ILP Part 43 — Maximum revisited

This is the forty thrid part of the ILP series. For your convenience you can find other parts in the table of contents in Part 1 – Boolean algebra

We have already seen how to implement \max function in ILP. Last time we used comparisons, today we will perform bit operations.


Having non-negative variables a and b we want to calculate c = \max(a,b). First, we decompose variables into its binary representation as in multiplication. Nest, we use the following trick: if a > b then there must be a n index i for which a_i is one and b_i is zero.

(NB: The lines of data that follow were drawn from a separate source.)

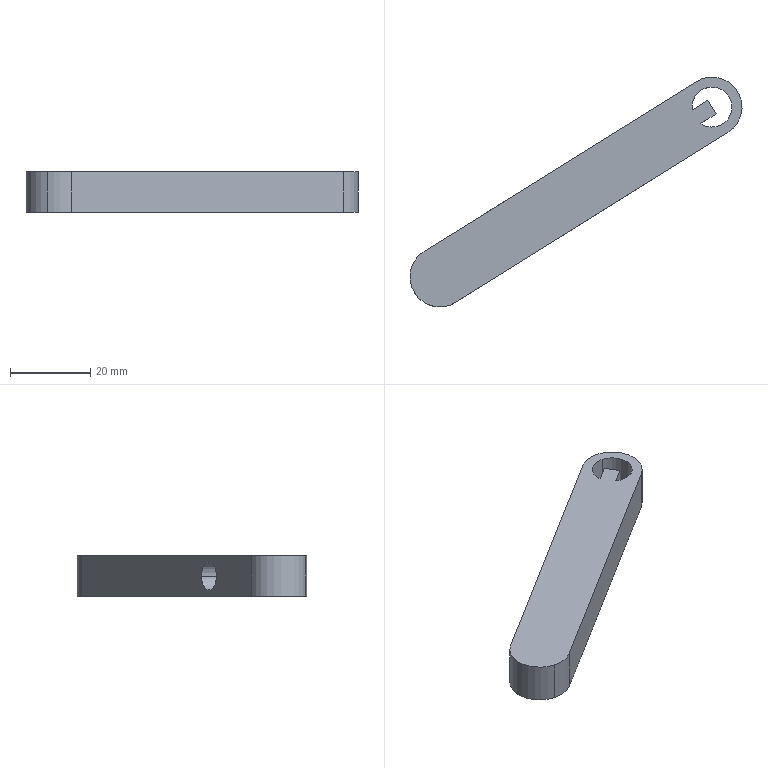Component | SolidWorks | FRocker-3 | 1 solid | 16 faces | box 82.86 x 57.36 x 10 mm | volume 12791 mm3 | cylinder 8 | plane 8 | commonest cylinder face diameters 10 x3 15 x3 7 x2
build123d program:
from build123d import *

# Parameters (mm, degrees)
BOSS_EXTRUDE1_DEPTH = 10
CUT_EXTRUDE1_DEPTH  = 10
SKETCH3_R           = 3.5
CUT_EXTRUDE2_DEPTH  = 10


with BuildPart() as part:
    # Sketch1 → Boss-Extrude1 (new body)
    with BuildSketch(Plane.XY):
        with BuildLine():
            Line((-210.677, 89.978), (-269.646, 35.916))
            ThreePointArc((-269.646, 35.916), (-280.242, 36.376), (-279.782, 46.973))
            Line((-279.782, 46.973), (-220.814, 101.035))
            ThreePointArc((-220.814, 101.035), (-210.217, 100.575), (-210.677, 89.978))
        make_face()
    extrude(amount=BOSS_EXTRUDE1_DEPTH)

    # Sketch2 → Cut-Extrude1 (cut)
    with BuildSketch(Plane(origin=(0, 0, 0), x_dir=(-1, 0, 0), z_dir=(0, 0, -1))):
        with BuildLine():
            Line((217.097, 96.981), (220.475, 93.884))
            ThreePointArc((220.475, 93.884), (220.678, 94.684), (220.746, 95.507))
            ThreePointArc((220.746, 95.507), (211.555, 98.233), (217.772, 90.936))
            Line((217.772, 90.936), (214.394, 94.033))
            Line((214.394, 94.033), (217.097, 96.981))
        make_face()
    extrude(amount=-CUT_EXTRUDE1_DEPTH, mode=Mode.SUBTRACT)

    # Sketch3 → Cut-Extrude2 (cut)
    with BuildSketch(Plane(origin=(-141.032, 153.83, 0), x_dir=(-0.7371, -0.6758, 0), z_dir=(0.6758, -0.7371, 0))):
        with Locations(Location((154.486, -5, 0), (0, 0, 180))):
            Circle(SKETCH3_R)
    extrude(amount=-CUT_EXTRUDE2_DEPTH, mode=Mode.SUBTRACT)


solid = part.part

# Placed as in the assembly
solid = solid.moved(Location((-254.541, 280.96, -27.818), (-180, 0, -74.488)))
STEP:
#1=CARTESIAN_POINT('',(-10.738,0.464,-1.292));
#2=VERTEX_POINT('',#1);
#3=CARTESIAN_POINT('',(-10.505,0.6099,-1.292));
#4=VERTEX_POINT('',#3);
#5=CARTESIAN_POINT('',(-10.621,0.537,-1.292));
#6=DIRECTION('',(-0.5295,0.8483,0.));
#7=DIRECTION('',(0.8483,0.5295,0.));
#8=AXIS2_PLACEMENT_3D('',#5,#6,#7);
#9=CIRCLE('',#8,0.1378);
#10=EDGE_CURVE('',#2,#4,#9,.T.);
#11=ORIENTED_EDGE('',*,*,#10,.F.);
#12=CARTESIAN_POINT('',(-10.947,0.798,-1.292));
#13=VERTEX_POINT('',#12);
#14=CARTESIAN_POINT('',(-10.738,0.464,-1.292));
#15=DIRECTION('',(-0.5295,0.8483,0.));
#16=VECTOR('',#15,39.37);
#17=LINE('',#14,#16);
#18=EDGE_CURVE('',#2,#13,#17,.T.);
#19=ORIENTED_EDGE('',*,*,#18,.T.);
#20=CARTESIAN_POINT('',(-10.713,0.9439,-1.292));
#21=VERTEX_POINT('',#20);
#22=CARTESIAN_POINT('',(-10.83,0.8709,-1.292));
#23=DIRECTION('',(-0.5295,0.8483,0.));
#24=DIRECTION('',(0.8483,0.5295,0.));
#25=AXIS2_PLACEMENT_3D('',#22,#23,#24);
#26=CIRCLE('',#25,0.1378);
#27=EDGE_CURVE('',#13,#21,#26,.T.);
#28=ORIENTED_EDGE('',*,*,#27,.T.);
#29=CARTESIAN_POINT('',(-10.505,0.6099,-1.292));
#30=DIRECTION('',(-0.5295,0.8483,0.));
#31=VECTOR('',#30,39.37);
#32=LINE('',#29,#31);
#33=EDGE_CURVE('',#4,#21,#32,.T.);
#34=ORIENTED_EDGE('',*,*,#33,.F.);
#35=EDGE_LOOP('',(#11,#19,#28,#34));
#36=FACE_OUTER_BOUND('',#35,.T.);
#37=CARTESIAN_POINT('',(-10.621,0.537,-1.292));
#38=DIRECTION('',(-0.5295,0.8483,0.));
#39=DIRECTION('',(0.8483,0.5295,0.));
#40=AXIS2_PLACEMENT_3D('',#37,#38,#39);
#41=CYLINDRICAL_SURFACE('',#40,0.1378);
#42=ADVANCED_FACE('',(#36),#41,.F.);
#43=CARTESIAN_POINT('',(-8.617,2.061,-1.489));
#44=VERTEX_POINT('',#43);
#45=CARTESIAN_POINT('',(-8.864,1.843,-1.489));
#46=VERTEX_POINT('',#45);
#47=CARTESIAN_POINT('',(-8.67,1.871,-1.489));
#48=DIRECTION('',(0.,-0.,1.));
#49=DIRECTION('',(-0.2674,-0.9636,0.));
#50=AXIS2_PLACEMENT_3D('',#47,#48,#49);
#51=CIRCLE('',#50,0.1969);
#52=EDGE_CURVE('',#44,#46,#51,.T.);
#53=ORIENTED_EDGE('',*,*,#52,.F.);
#54=CARTESIAN_POINT('',(-8.617,2.061,-1.095));
#55=VERTEX_POINT('',#54);
#56=CARTESIAN_POINT('',(-8.617,2.061,-1.489));
#57=DIRECTION('',(0.,-0.,1.));
#58=VECTOR('',#57,39.37);
#59=LINE('',#56,#58);
#60=EDGE_CURVE('',#44,#55,#59,.T.);
#61=ORIENTED_EDGE('',*,*,#60,.T.);
#62=CARTESIAN_POINT('',(-8.864,1.843,-1.095));
#63=VERTEX_POINT('',#62);
#64=CARTESIAN_POINT('',(-8.67,1.871,-1.095));
#65=DIRECTION('',(0.,-0.,1.));
#66=DIRECTION('',(-0.2674,-0.9636,0.));
#67=AXIS2_PLACEMENT_3D('',#64,#65,#66);
#68=CIRCLE('',#67,0.1969);
#69=EDGE_CURVE('',#55,#63,#68,.T.);
#70=ORIENTED_EDGE('',*,*,#69,.T.);
#71=CARTESIAN_POINT('',(-8.864,1.843,-1.489));
#72=DIRECTION('',(0.,-0.,1.));
#73=VECTOR('',#72,39.37);
#74=LINE('',#71,#73);
#75=EDGE_CURVE('',#46,#63,#74,.T.);
#76=ORIENTED_EDGE('',*,*,#75,.F.);
#77=EDGE_LOOP('',(#53,#61,#70,#76));
#78=FACE_OUTER_BOUND('',#77,.T.);
#79=CARTESIAN_POINT('',(-8.67,1.871,-1.489));
#80=DIRECTION('',(0.,-0.,1.));
#81=DIRECTION('',(-0.2674,-0.9636,0.));
#82=AXIS2_PLACEMENT_3D('',#79,#80,#81);
#83=CYLINDRICAL_SURFACE('',#82,0.1969);
#84=ADVANCED_FACE('',(#78),#83,.F.);
#85=ORIENTED_EDGE('',*,*,#60,.F.);
#86=CARTESIAN_POINT('',(-8.722,1.682,-1.489));
#87=VERTEX_POINT('',#86);
#88=CARTESIAN_POINT('',(-8.67,1.871,-1.489));
#89=DIRECTION('',(0.,-0.,1.));
#90=DIRECTION('',(-0.2674,-0.9636,0.));
#91=AXIS2_PLACEMENT_3D('',#88,#89,#90);
#92=CIRCLE('',#91,0.1969);
#93=EDGE_CURVE('',#87,#44,#92,.T.);
#94=ORIENTED_EDGE('',*,*,#93,.F.);
#95=CARTESIAN_POINT('',(-8.722,1.682,-1.095));
#96=VERTEX_POINT('',#95);
#97=CARTESIAN_POINT('',(-8.722,1.682,-1.489));
#98=DIRECTION('',(0.,-0.,1.));
#99=VECTOR('',#98,39.37);
#100=LINE('',#97,#99);
#101=EDGE_CURVE('',#87,#96,#100,.T.);
#102=ORIENTED_EDGE('',*,*,#101,.T.);
#103=CARTESIAN_POINT('',(-8.67,1.871,-1.095));
#104=DIRECTION('',(0.,-0.,1.));
#105=DIRECTION('',(-0.2674,-0.9636,0.));
#106=AXIS2_PLACEMENT_3D('',#103,#104,#105);
#107=CIRCLE('',#106,0.1969);
#108=EDGE_CURVE('',#96,#55,#107,.T.);
#109=ORIENTED_EDGE('',*,*,#108,.T.);
#110=EDGE_LOOP('',(#85,#94,#102,#109));
#111=FACE_OUTER_BOUND('',#110,.T.);
#112=CARTESIAN_POINT('',(-8.67,1.871,-1.489));
#113=DIRECTION('',(0.,-0.,1.));
#114=DIRECTION('',(-0.2674,-0.9636,0.));
#115=AXIS2_PLACEMENT_3D('',#112,#113,#114);
#116=CYLINDRICAL_SURFACE('',#115,0.1969);
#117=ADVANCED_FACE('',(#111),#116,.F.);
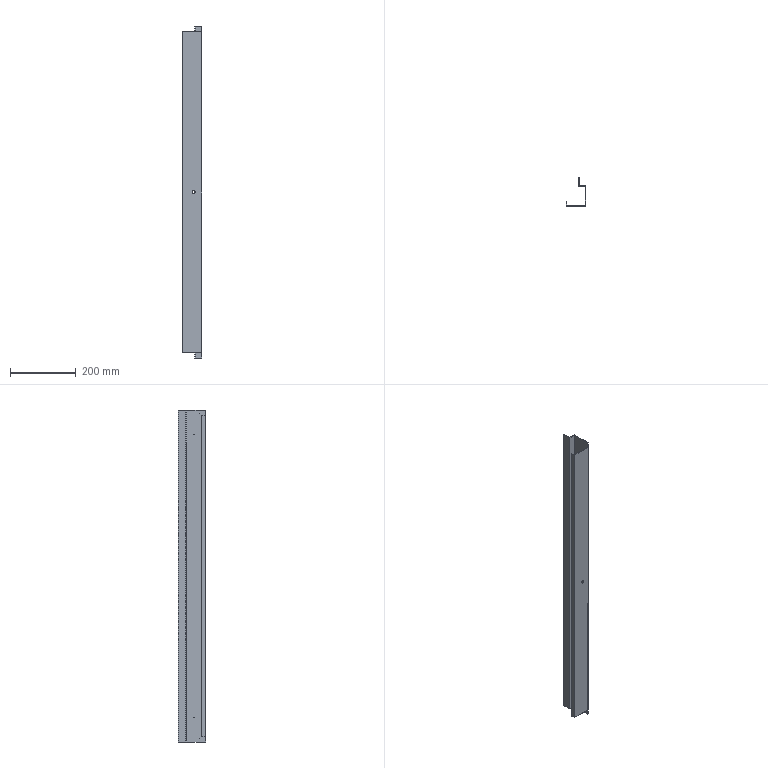Component | SolidWorks | CabinetWelding-1_RearLowerBeam-1 | 1 solid | 60 faces | volume 207073 mm3 | plane 30 | cylinder 28 | spline 2 | commonest cylinder face diameters 0.5 x8 5.2 x6 3 x4 0.4 x4 2.8 x4 8.5 x2
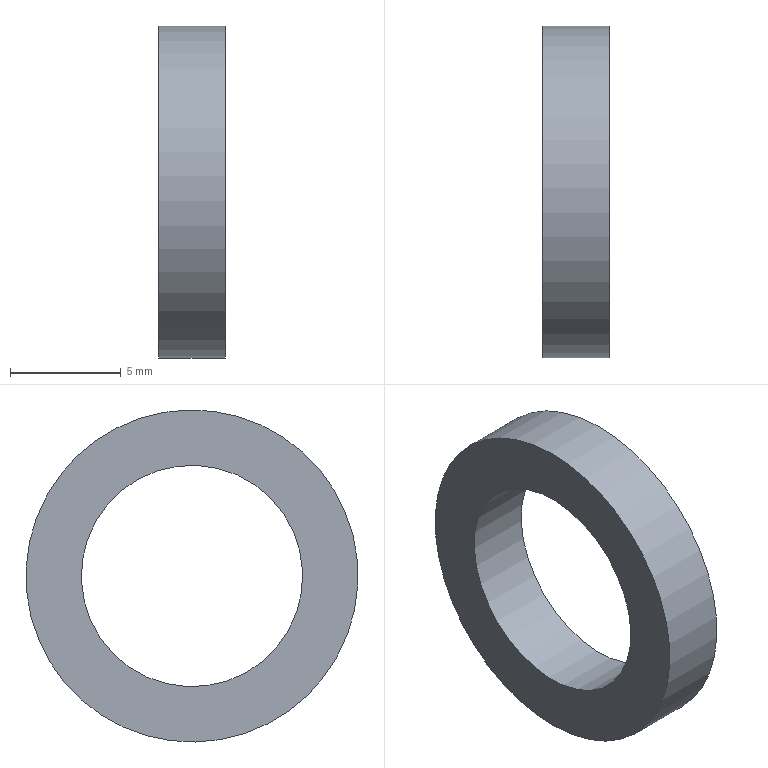Component | NX | 16C__27 | 1 solid | 4 faces | box 3 x 15 x 15 mm | volume 295 mm3 | cylinder 2 | plane 2 | commonest cylinder face diameters 15 x1 10 x1
STEP:
#1=CARTESIAN_POINT('',(0.,0.,0.));
#2=DIRECTION('',(0.,0.,1.));
#3=DIRECTION('',(1.,0.,0.));
#4=AXIS2_PLACEMENT_3D('',#1,#2,#3);
#5=CARTESIAN_POINT('',(65.022,111.966,80.551));
#6=VERTEX_POINT('',#5);
#7=CARTESIAN_POINT('',(65.022,109.608,73.432));
#8=DIRECTION('',(-1.,0.,0.));
#9=DIRECTION('',(0.,0.3144,0.9493));
#10=AXIS2_PLACEMENT_3D('',#7,#8,#9);
#11=CIRCLE('',#10,7.5);
#12=CARTESIAN_POINT('',(65.022,109.608,73.432));
#13=DIRECTION('',(1.,0.,0.));
#14=DIRECTION('',(0.,-0.3144,-0.9493));
#15=AXIS2_PLACEMENT_3D('',#12,#13,#14);
#16=CYLINDRICAL_SURFACE('',#15,7.5);
#17=CARTESIAN_POINT('',(9.425,0.));
#18=DIRECTION('',(-1.,0.));
#19=VECTOR('',#18,1.);
#20=LINE('',#17,#19);
#21=(GEOMETRIC_REPRESENTATION_CONTEXT(2)PARAMETRIC_REPRESENTATION_CONTEXT()REPRESENTATION_CONTEXT('',''));
#22=DEFINITIONAL_REPRESENTATION('',(#20),#21);
#23=PCURVE('',#16,#22);
#24=CARTESIAN_POINT('',(65.022,109.608,73.432));
#25=DIRECTION('',(-1.,0.,0.));
#26=DIRECTION('',(0.,0.3144,0.9493));
#27=AXIS2_PLACEMENT_3D('',#24,#25,#26);
#28=PLANE('',#27);
#29=CARTESIAN_POINT('',(0.,0.));
#30=DIRECTION('',(1.,0.));
#31=AXIS2_PLACEMENT_2D('',#29,#30);
#32=CIRCLE('',#31,7.5);
#33=(GEOMETRIC_REPRESENTATION_CONTEXT(2)PARAMETRIC_REPRESENTATION_CONTEXT()REPRESENTATION_CONTEXT('',''));
#34=DEFINITIONAL_REPRESENTATION('',(#32),#33);
#35=PCURVE('',#28,#34);
#36=SURFACE_CURVE('',#11,(#23,#35),.PCURVE_S1.);
#37=EDGE_CURVE('',#6,#6,#36,.T.);
#38=ORIENTED_EDGE('',*,*,#37,.F.);
#39=CARTESIAN_POINT('',(68.022,111.966,80.551));
#40=VERTEX_POINT('',#39);
#41=CARTESIAN_POINT('',(65.022,111.966,80.551));
#42=CARTESIAN_POINT('',(68.022,111.966,80.551));
#43=B_SPLINE_CURVE_WITH_KNOTS('',1,(#41,#42),.UNSPECIFIED.,.F.,.F.,(2,2),(0.,3.),.PIECEWISE_BEZIER_KNOTS.);
#44=CARTESIAN_POINT('',(9.425,0.));
#45=DIRECTION('',(0.,1.));
#46=VECTOR('',#45,1.);
#47=LINE('',#44,#46);
#48=(GEOMETRIC_REPRESENTATION_CONTEXT(2)PARAMETRIC_REPRESENTATION_CONTEXT()REPRESENTATION_CONTEXT('',''));
#49=DEFINITIONAL_REPRESENTATION('',(#47),#48);
#50=PCURVE('',#16,#49);
#51=CARTESIAN_POINT('',(3.142,0.));
#52=DIRECTION('',(0.,1.));
#53=VECTOR('',#52,1.);
#54=LINE('',#51,#53);
#55=(GEOMETRIC_REPRESENTATION_CONTEXT(2)PARAMETRIC_REPRESENTATION_CONTEXT()REPRESENTATION_CONTEXT('',''));
#56=DEFINITIONAL_REPRESENTATION('',(#54),#55);
#57=PCURVE('',#16,#56);
#58=SEAM_CURVE('',#43,(#50,#57),.PCURVE_S1.);
#59=EDGE_CURVE('',#6,#40,#58,.T.);
#60=ORIENTED_EDGE('',*,*,#59,.T.);
#61=CARTESIAN_POINT('',(68.022,109.608,73.432));
#62=DIRECTION('',(-1.,0.,0.));
#63=DIRECTION('',(0.,0.3144,0.9493));
#64=AXIS2_PLACEMENT_3D('',#61,#62,#63);
#65=CIRCLE('',#64,7.5);
#66=CARTESIAN_POINT('',(9.425,3.));
#67=DIRECTION('',(-1.,0.));
#68=VECTOR('',#67,1.);
#69=LINE('',#66,#68);
#70=(GEOMETRIC_REPRESENTATION_CONTEXT(2)PARAMETRIC_REPRESENTATION_CONTEXT()REPRESENTATION_CONTEXT('',''));
#71=DEFINITIONAL_REPRESENTATION('',(#69),#70);
#72=PCURVE('',#16,#71);
#73=CARTESIAN_POINT('',(68.022,109.608,73.432));
#74=DIRECTION('',(-1.,0.,0.));
#75=DIRECTION('',(0.,0.3144,0.9493));
#76=AXIS2_PLACEMENT_3D('',#73,#74,#75);
#77=PLANE('',#76);
#78=CARTESIAN_POINT('',(0.,0.));
#79=DIRECTION('',(1.,0.));
#80=AXIS2_PLACEMENT_2D('',#78,#79);
#81=CIRCLE('',#80,7.5);
#82=(GEOMETRIC_REPRESENTATION_CONTEXT(2)PARAMETRIC_REPRESENTATION_CONTEXT()REPRESENTATION_CONTEXT('',''));
#83=DEFINITIONAL_REPRESENTATION('',(#81),#82);
#84=PCURVE('',#77,#83);
#85=SURFACE_CURVE('',#65,(#72,#84),.PCURVE_S1.);
#86=EDGE_CURVE('',#40,#40,#85,.T.);
#87=ORIENTED_EDGE('',*,*,#86,.T.);
#88=ORIENTED_EDGE('',*,*,#59,.F.);
#89=EDGE_LOOP('',(#38,#60,#87,#88));
#90=FACE_BOUND('',#89,.T.);
#91=ADVANCED_FACE('',(#90),#16,.T.);
#92=CARTESIAN_POINT('',(65.022,111.18,78.178));
#93=VERTEX_POINT('',#92);
#94=CARTESIAN_POINT('',(65.022,109.608,73.432));
#95=DIRECTION('',(-1.,0.,0.));
#96=DIRECTION('',(0.,0.3144,0.9493));
#97=AXIS2_PLACEMENT_3D('',#94,#95,#96);
#98=CIRCLE('',#97,5.);
#99=CARTESIAN_POINT('',(65.022,109.608,73.432));
#100=DIRECTION('',(1.,0.,0.));
#101=DIRECTION('',(0.,-0.3144,-0.9493));
#102=AXIS2_PLACEMENT_3D('',#99,#100,#101);
#103=CYLINDRICAL_SURFACE('',#102,5.);
#104=CARTESIAN_POINT('',(9.425,0.));
#105=DIRECTION('',(-1.,0.));
#106=VECTOR('',#105,1.);
#107=LINE('',#104,#106);
#108=(GEOMETRIC_REPRESENTATION_CONTEXT(2)PARAMETRIC_REPRESENTATION_CONTEXT()REPRESENTATION_CONTEXT('',''));
#109=DEFINITIONAL_REPRESENTATION('',(#107),#108);
#110=PCURVE('',#103,#109);
#111=CARTESIAN_POINT('',(0.,0.));
#112=DIRECTION('',(1.,-0.));
#113=AXIS2_PLACEMENT_2D('',#111,#112);
#114=CIRCLE('',#113,5.);
#115=(GEOMETRIC_REPRESENTATION_CONTEXT(2)PARAMETRIC_REPRESENTATION_CONTEXT()REPRESENTATION_CONTEXT('',''));
#116=DEFINITIONAL_REPRESENTATION('',(#114),#115);
#117=PCURVE('',#28,#116);
#118=SURFACE_CURVE('',#98,(#110,#117),.PCURVE_S1.);
#119=EDGE_CURVE('',#93,#93,#118,.T.);
#120=ORIENTED_EDGE('',*,*,#119,.F.);
#121=CARTESIAN_POINT('',(68.022,111.18,78.178));
#122=VERTEX_POINT('',#121);
#123=CARTESIAN_POINT('',(65.022,111.18,78.178));
#124=CARTESIAN_POINT('',(68.022,111.18,78.178));
#125=B_SPLINE_CURVE_WITH_KNOTS('',1,(#123,#124),.UNSPECIFIED.,.F.,.F.,(2,2),(0.,3.),.PIECEWISE_BEZIER_KNOTS.);
#126=CARTESIAN_POINT('',(9.425,0.));
#127=DIRECTION('',(0.,1.));
#128=VECTOR('',#127,1.);
#129=LINE('',#126,#128);
#130=(GEOMETRIC_REPRESENTATION_CONTEXT(2)PARAMETRIC_REPRESENTATION_CONTEXT()REPRESENTATION_CONTEXT('',''));
#131=DEFINITIONAL_REPRESENTATION('',(#129),#130);
#132=PCURVE('',#103,#131);
#133=CARTESIAN_POINT('',(3.142,0.));
#134=DIRECTION('',(0.,1.));
#135=VECTOR('',#134,1.);
#136=LINE('',#133,#135);
#137=(GEOMETRIC_REPRESENTATION_CONTEXT(2)PARAMETRIC_REPRESENTATION_CONTEXT()REPRESENTATION_CONTEXT('',''));
#138=DEFINITIONAL_REPRESENTATION('',(#136),#137);
#139=PCURVE('',#103,#138);
#140=SEAM_CURVE('',#125,(#132,#139),.PCURVE_S1.);
#141=EDGE_CURVE('',#93,#122,#140,.T.);
#142=ORIENTED_EDGE('',*,*,#141,.T.);
#143=CARTESIAN_POINT('',(68.022,109.608,73.432));
#144=DIRECTION('',(-1.,0.,0.));
#145=DIRECTION('',(0.,0.3144,0.9493));
#146=AXIS2_PLACEMENT_3D('',#143,#144,#145);
#147=CIRCLE('',#146,5.);
#148=CARTESIAN_POINT('',(9.425,3.));
#149=DIRECTION('',(-1.,0.));
#150=VECTOR('',#149,1.);
#151=LINE('',#148,#150);
#152=(GEOMETRIC_REPRESENTATION_CONTEXT(2)PARAMETRIC_REPRESENTATION_CONTEXT()REPRESENTATION_CONTEXT('',''));
#153=DEFINITIONAL_REPRESENTATION('',(#151),#152);
#154=PCURVE('',#103,#153);
#155=CARTESIAN_POINT('',(0.,0.));
#156=DIRECTION('',(1.,-0.));
#157=AXIS2_PLACEMENT_2D('',#155,#156);
#158=CIRCLE('',#157,5.);
#159=(GEOMETRIC_REPRESENTATION_CONTEXT(2)PARAMETRIC_REPRESENTATION_CONTEXT()REPRESENTATION_CONTEXT('',''));
#160=DEFINITIONAL_REPRESENTATION('',(#158),#159);
#161=PCURVE('',#77,#160);
#162=SURFACE_CURVE('',#147,(#154,#161),.PCURVE_S1.);
#163=EDGE_CURVE('',#122,#122,#162,.T.);
#164=ORIENTED_EDGE('',*,*,#163,.T.);
#165=ORIENTED_EDGE('',*,*,#141,.F.);
#166=EDGE_LOOP('',(#120,#142,#164,#165));
#167=FACE_BOUND('',#166,.F.);
#168=ADVANCED_FACE('',(#167),#103,.F.);
#169=ORIENTED_EDGE('',*,*,#37,.T.);
#170=EDGE_LOOP('',(#169));
#171=FACE_BOUND('',#170,.T.);
#172=ORIENTED_EDGE('',*,*,#119,.F.);
#173=EDGE_LOOP('',(#172));
#174=FACE_BOUND('',#173,.T.);
#175=ADVANCED_FACE('',(#171,#174),#28,.T.);
#176=ORIENTED_EDGE('',*,*,#86,.F.);
#177=EDGE_LOOP('',(#176));
#178=FACE_BOUND('',#177,.T.);
#179=ORIENTED_EDGE('',*,*,#163,.T.);
#180=EDGE_LOOP('',(#179));
#181=FACE_BOUND('',#180,.T.);
#182=ADVANCED_FACE('',(#178,#181),#77,.F.);
#183=CLOSED_SHELL('',(#91,#168,#175,#182));
#184=MANIFOLD_SOLID_BREP('',#183);
#185=(LENGTH_UNIT()NAMED_UNIT(*)SI_UNIT(.MILLI.,.METRE.));
#186=UNCERTAINTY_MEASURE_WITH_UNIT(LENGTH_MEASURE(0.00001),#185,'','');
#187=(NAMED_UNIT(*)PLANE_ANGLE_UNIT()SI_UNIT($,.RADIAN.));
#188=(NAMED_UNIT(*)SI_UNIT($,.STERADIAN.)SOLID_ANGLE_UNIT());
#189=(GEOMETRIC_REPRESENTATION_CONTEXT(3)GLOBAL_UNCERTAINTY_ASSIGNED_CONTEXT((#186))GLOBAL_UNIT_ASSIGNED_CONTEXT((#185,#187,#188))REPRESENTATION_CONTEXT('',''));
#190=ADVANCED_BREP_SHAPE_REPRESENTATION('',(#4,#184),#189);

Proof: let’s assume that a > b which means that a - b > 0, and there is no index for which a_i = 1 and b_i = 0. At the same time a - b = \sum a_i 2^i - b_i 2^i = \sum (a_i - b_i)2^i. But since there is no index we want to find, each a_i - b_i is not greater than zero. So the whole sum is not greater than zero — contradiction.

Now we only need to find this index.

Finding index

We will simply bruteforce index. For each position we define the following variables:

    \begin{gather*} a_{isOne, i} = a_i \stackrel{?}{=} 1 \\ b_{isZero, i} = b_i \stackrel{?}{=} 0 \\ c_{i} = a_{isOne, i} \wedge b_{isZero, i} \end{gather*}

Now, i is desired index if and only if c_i is one and all c_{j} for j > i is zero:

    \[ d_i = c_i \wedge \neg c_{i+1} \wedge \neg c_{i+2} \wedge \neg c_{i+3} \wedge \cdots \]

The only missing bit:

    \[ a_{isGreater} = d_0 \vee d_1 \vee d_2 \vee d_3 \vee \cdots \]

Now we can perform multiplication to select maximum value using calculated flag.